Ali, ajoelhado num templo evangélico, estava um candidato a governador do Estado do Rio de Janeiro, curvado perante o pastor Isaías de Souza, presidente de várias entidades que receberam milhões de dólares de verbas do Orçamento da República por intermédio do anão Fábio Raunheitti, e, ao lado, o pastor Washington de Souza, incluído na lista das propinas do jogo do bicho.
Qual o raciocínio maquiavélico que fez o candidato acreditar que tal postura constrangedora lhe acrescentaria votos em 3 de outubro? A sacralização do profano em templo religioso? A mágica das mãos levantadas proferindo bênçãos preferenciais sobre o candidato?
O notório caciquismo eclesiástico de que estão imbuídos esses líderes pentecostais? A crença de que os fiéis dessas igrejas estão irremediavelmente encabrestados pelos seus pastores? A ingênua crendice de que esses homens engravatados são canais exclusivos com o Todo-Poderoso e que somente por intermédio deles as bênçãos do Altíssimo poderão se transferir para as pessoas, inclusive um candidato a governador?
A heresia em acreditar que um mero ato piedoso, em cores, vai sensibilizar algum eleitor crente, quer evangélico ou católico? A impossibilidade da realização de teatro semelhante perante 150 bispos católicos em vez de 150 pastores evangélicos?
Seria por demais constrangedora para a comunidade evangélica a resposta sincera e transparente a essas indagações.
Já se foi a época em que "ser crente" (evangélico) era garantia automática de honradez e respeitabilidade.
Durante a recente ditadura (1964-1985), um presidente-general "crente" transformou em prática rotineira o fenômeno do desaparecimento forçado de opositores políticos.
Cerca de 20 cidadãos, presos pelos órgãos de segurança na época da posse do general Ernesto Geisel, nunca mais foram localizados, apesar das provas de suas detenções.
Foi Geisel quem motivou a constrangedora constatação de que, assim como existem católicos não-praticantes, existem também evangélicos não-praticantes.
Mais recentemente, no "Brasil Novo" de Sarney, pastores eleitos deputados federais deram o seu aval, no Congresso Nacional, à Lei de Gérson, a ética imoral de se levar vantagem em tudo. Deputados fisiologistas envergonharam a nação votando a favor dos cinco anos de mandato de Sarney em troca de concessões de rádio e de televisão.
Dias atrás, no Espírito Santo, uma coligação partidária foi na conversa de caciques eclesiásticos evangélicos e acabou escolhendo para candidato a vice-governador um pastor que se arvorara em representante dos evangélicos do Estado do Espírito Santo.

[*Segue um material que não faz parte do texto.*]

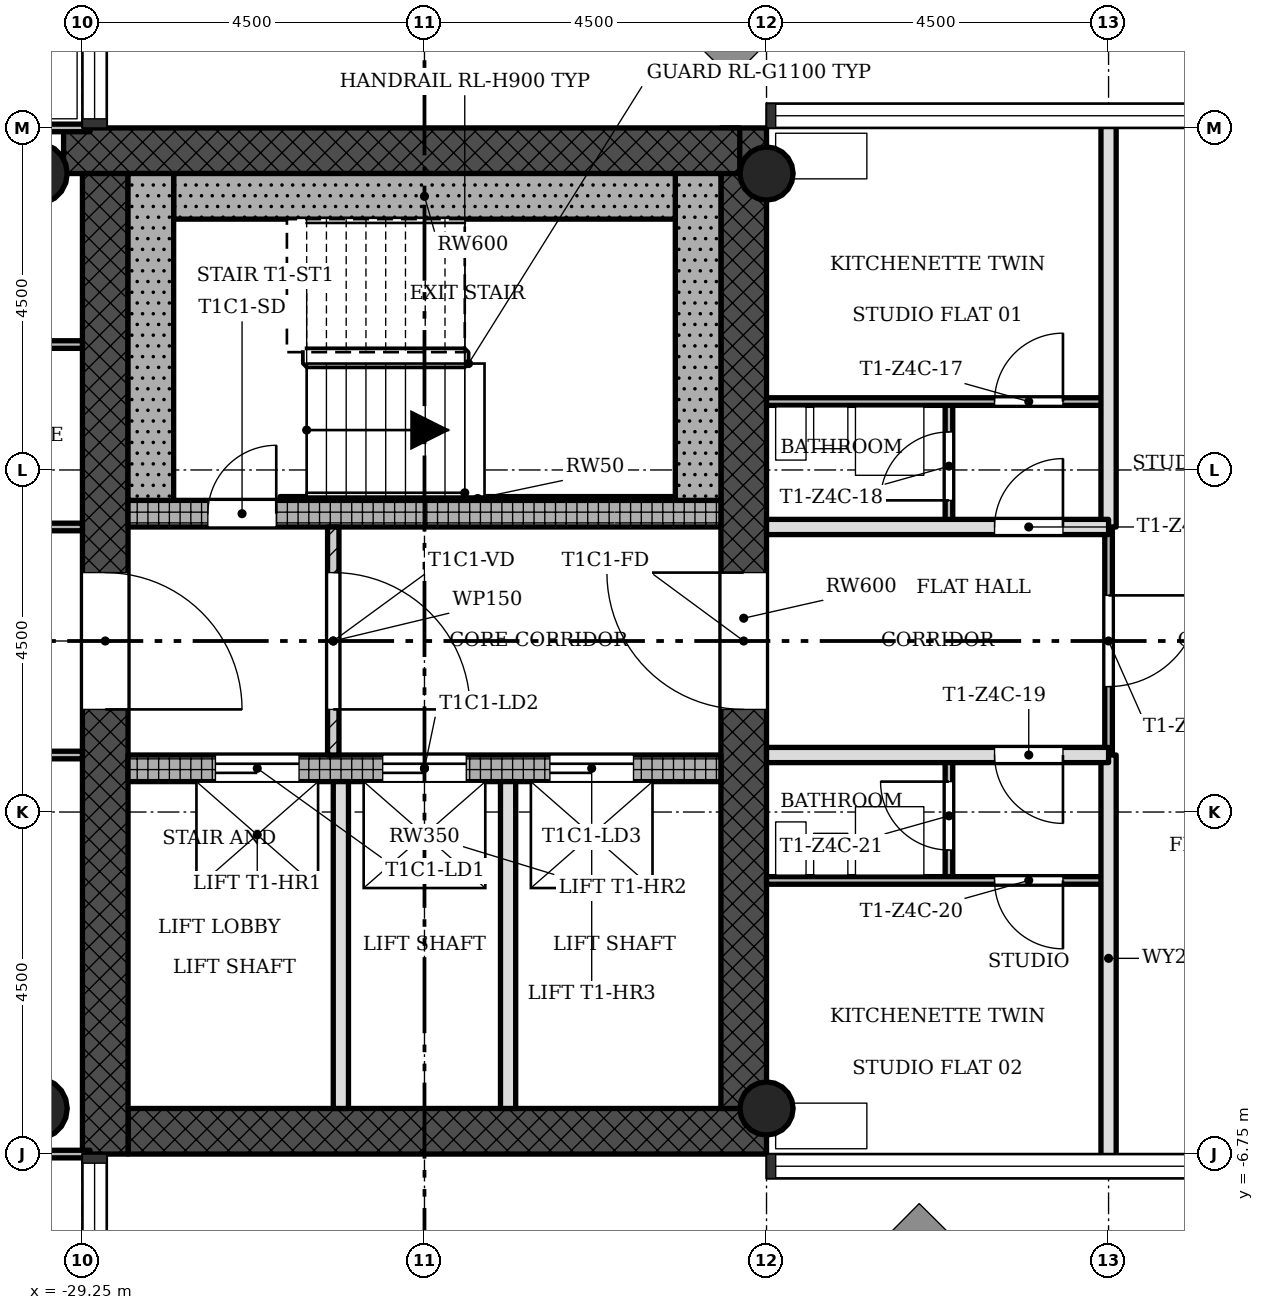
"""IFC4 building model, lengths in metres.
Left out: names, types, materials, properties, quantities, classifications, styles, units other than length and angle.
Written with IfcOpenShell. Run it as: python <this file> out.ifc"""

import sys

from ifc_helpers import new_model, si_unit, direction, frame, frame_2d, origin, origin_2d, place, context, subcontext, project, spatial, rectangle, hollow_circle, extrude, element, fill, save


model = new_model("IFC4")
c1 = context("Model", 3, precision=1e-05, world=origin(), true_north=direction((0.0, 1.0)))
c2 = subcontext(c1, "Body", "Model", "MODEL_VIEW")
j1 = project(units=[si_unit("LENGTHUNIT", "METRE"), si_unit("PLANEANGLEUNIT", "RADIAN")], contexts=[c1])
p1 = place(None, origin())
s1 = spatial("IfcSite", under=j1, at=p1, CompositionType="ELEMENT")
p2 = place(p1, origin())
s2 = spatial("IfcBuilding", under=s1, at=p2, CompositionType="ELEMENT")
p3 = place(p2, frame((0.0, 0.0, 189.2)))
s3 = spatial("IfcBuildingStorey", under=s2, at=p3, CompositionType="ELEMENT", Elevation=189.2)
p4 = place(p3, frame((-28.65, -6.45, 0.0), z_axis=(0.0, 0.0, 1.0), x_axis=(1.0, 0.0, 0.0)))
e1 = element("IfcWall", 1, at=p4, inside=s3, PredefinedType="SHEAR", context=c2, shape_type="SweptSolid", body=[
    extrude(rectangle(XDim=8.4, YDim=0.6, at=frame_2d((4.2, 0.0))), origin(), (0.0, 0.0, 1.0), 3.4),
])
p5 = place(p3, frame((-20.55, -6.15, 0.0), z_axis=(0.0, 0.0, 1.0), x_axis=(0.0, 1.0, 0.0)))
e2 = element("IfcWall", 2, at=p5, inside=s3, PredefinedType="SHEAR", context=c2, shape_type="SweptSolid", body=[
    extrude(rectangle(XDim=12.9, YDim=0.6, at=frame_2d((6.45, 0.0))), origin(), (0.0, 0.0, 1.0), 3.4),
])
p6 = place(p5, frame((5.25, 0.0, 0.0)))
e3 = element("IfcOpeningElement", 3, at=p6, cuts=e2, PredefinedType="OPENING", context=c2, shape_type="SweptSolid", body=[
    extrude(rectangle(XDim=1.8, YDim=2.1, at=frame_2d((0.9, 1.05))), frame((0.0, 0.31, 0.0), z_axis=(0.0, -1.0, 0.0), x_axis=(1.0, 0.0, 0.0)), (0.0, 0.0, 1.0), 0.62),
])
p7 = place(p3, frame((-20.602, 6.45, 0.0), z_axis=(0.0, 0.0, 1.0), x_axis=(-1.0, 0.0, 0.0)))
e4 = element("IfcWall", 4, at=p7, inside=s3, PredefinedType="SHEAR", context=c2, shape_type="SweptSolid", body=[
    extrude(rectangle(XDim=8.896, YDim=0.6, at=frame_2d((4.448, 0.0))), origin(), (0.0, 0.0, 1.0), 3.4),
])
p8 = place(p3, frame((-28.95, 6.15, 0.0), z_axis=(0.0, 0.0, 1.0), x_axis=(0.0, -1.0, 0.0)))
e5 = element("IfcWall", 5, at=p8, inside=s3, PredefinedType="SHEAR", context=c2, shape_type="SweptSolid", body=[
    extrude(rectangle(XDim=12.9, YDim=0.6, at=frame_2d((6.45, 0.0))), origin(), (0.0, 0.0, 1.0), 3.4),
])
p9 = place(p8, frame((5.25, 0.0, 0.0)))
e6 = element("IfcOpeningElement", 6, at=p9, cuts=e5, PredefinedType="OPENING", context=c2, shape_type="SweptSolid", body=[
    extrude(rectangle(XDim=1.8, YDim=2.1, at=frame_2d((0.9, 1.05))), frame((0.0, 0.31, 0.0), z_axis=(0.0, -1.0, 0.0), x_axis=(1.0, 0.0, 0.0)), (0.0, 0.0, 1.0), 0.62),
])
p10 = place(p3, frame((-28.65, -1.675, 0.0), z_axis=(0.0, 0.0, 1.0), x_axis=(1.0, 0.0, 0.0)))
e7 = element("IfcWall", 7, at=p10, inside=s3, PredefinedType="SHEAR", context=c2, shape_type="SweptSolid", body=[
    extrude(rectangle(XDim=7.8, YDim=0.35, at=frame_2d((3.9, 0.0))), origin(), (0.0, 0.0, 1.0), 3.4),
])
p11 = place(p10, frame((1.15, 0.0, 0.0)))
e8 = element("IfcOpeningElement", 8, at=p11, cuts=e7, PredefinedType="OPENING", context=c2, shape_type="SweptSolid", body=[
    extrude(rectangle(XDim=1.1, YDim=2.1, at=frame_2d((0.55, 1.05))), frame((0.0, 0.185, 0.0), z_axis=(0.0, -1.0, 0.0), x_axis=(1.0, 0.0, 0.0)), (0.0, 0.0, 1.0), 0.37),
])
p12 = place(p10, frame((3.35, 0.0, 0.0)))
e9 = element("IfcOpeningElement", 9, at=p12, cuts=e7, PredefinedType="OPENING", context=c2, shape_type="SweptSolid", body=[
    extrude(rectangle(XDim=1.1, YDim=2.1, at=frame_2d((0.55, 1.05))), frame((0.0, 0.185, 0.0), z_axis=(0.0, -1.0, 0.0), x_axis=(1.0, 0.0, 0.0)), (0.0, 0.0, 1.0), 0.37),
])
p13 = place(p10, frame((5.55, 0.0, 0.0)))
e10 = element("IfcOpeningElement", 10, at=p13, cuts=e7, PredefinedType="OPENING", context=c2, shape_type="SweptSolid", body=[
    extrude(rectangle(XDim=1.1, YDim=2.1, at=frame_2d((0.55, 1.05))), frame((0.0, 0.185, 0.0), z_axis=(0.0, -1.0, 0.0), x_axis=(1.0, 0.0, 0.0)), (0.0, 0.0, 1.0), 0.37),
])
p14 = place(p3, frame((-28.65, 1.675, 0.0), z_axis=(0.0, 0.0, 1.0), x_axis=(1.0, 0.0, 0.0)))
e11 = element("IfcWall", 11, at=p14, inside=s3, PredefinedType="SHEAR", context=c2, shape_type="SweptSolid", body=[
    extrude(rectangle(XDim=7.8, YDim=0.35, at=frame_2d((3.9, 0.0))), origin(), (0.0, 0.0, 1.0), 3.4),
])
p15 = place(p14, frame((1.05, 0.0, 0.0)))
e12 = element("IfcOpeningElement", 12, at=p15, cuts=e11, PredefinedType="OPENING", context=c2, shape_type="SweptSolid", body=[
    extrude(rectangle(XDim=0.9, YDim=2.1, at=frame_2d((0.45, 1.05))), frame((0.0, 0.185, 0.0), z_axis=(0.0, -1.0, 0.0), x_axis=(1.0, 0.0, 0.0)), (0.0, 0.0, 1.0), 0.37),
])
for number, where, z_axis, x_axis in (
    (13, (-20.25, -6.15, 0.0), (0.0, 0.0, 1.0), (1.0, 0.0, 0.0)),
    (14, (-20.25, 6.15, 0.0), (0.0, 0.0, 1.0), (1.0, 0.0, 0.0)),
):
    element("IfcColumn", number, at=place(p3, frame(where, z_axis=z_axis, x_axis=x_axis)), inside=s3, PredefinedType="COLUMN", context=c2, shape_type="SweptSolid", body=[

Tal pretensão causou tanta indignação que levou representantes de três tradicionais denominações (Luterana, Metodista e Presbiteriana Unida) a publicarem, na primeira página de "A Gazeta" (31/07) uma declaração sobre o assunto, onde se afirmava a rejeição da idéia "de que um evangélico se sinta obrigado a votar em um candidato pelo simples fato de ele se apresentar como evangélico".
E, mais adiante, concluía: "A Igreja deve encorajar seus membros a avaliarem as propostas dos candidatos, evangélicos ou não, e os programas partidários, para então tomarem sua decisão".
Não conhecemos todas as razões que levaram o candidato a governador do Espírito Santo a desistir da sua candidatura. Desconfiamos, no entanto, de que a constatação de que seu vice não traria para si a enxurrada de votos de evangélicos levou-o à prudente decisão de desistir da candidatura no dia seguinte à publicação da declaração conjunta.
E alguém acredita que o eleitor evangélico vai votar em determinado candidato a presidente pelo simples fato de sua vice ser evangélica?
Convenhamos, é muita banalização eleitoreira dos evangélicos, presos que estão a uma ética aparentemente contextual. É, também, muita burrice dos partidos que sucumbem a essa prática menos ética e mais atrelada à Lei de Gérson.
Melhor, muito melhor do que votar num candidato evangélico, ou católico até, é votar numa pessoa cuja vida e prática revelam um compromisso seguro e corajoso com a verdade, a justiça e a vida.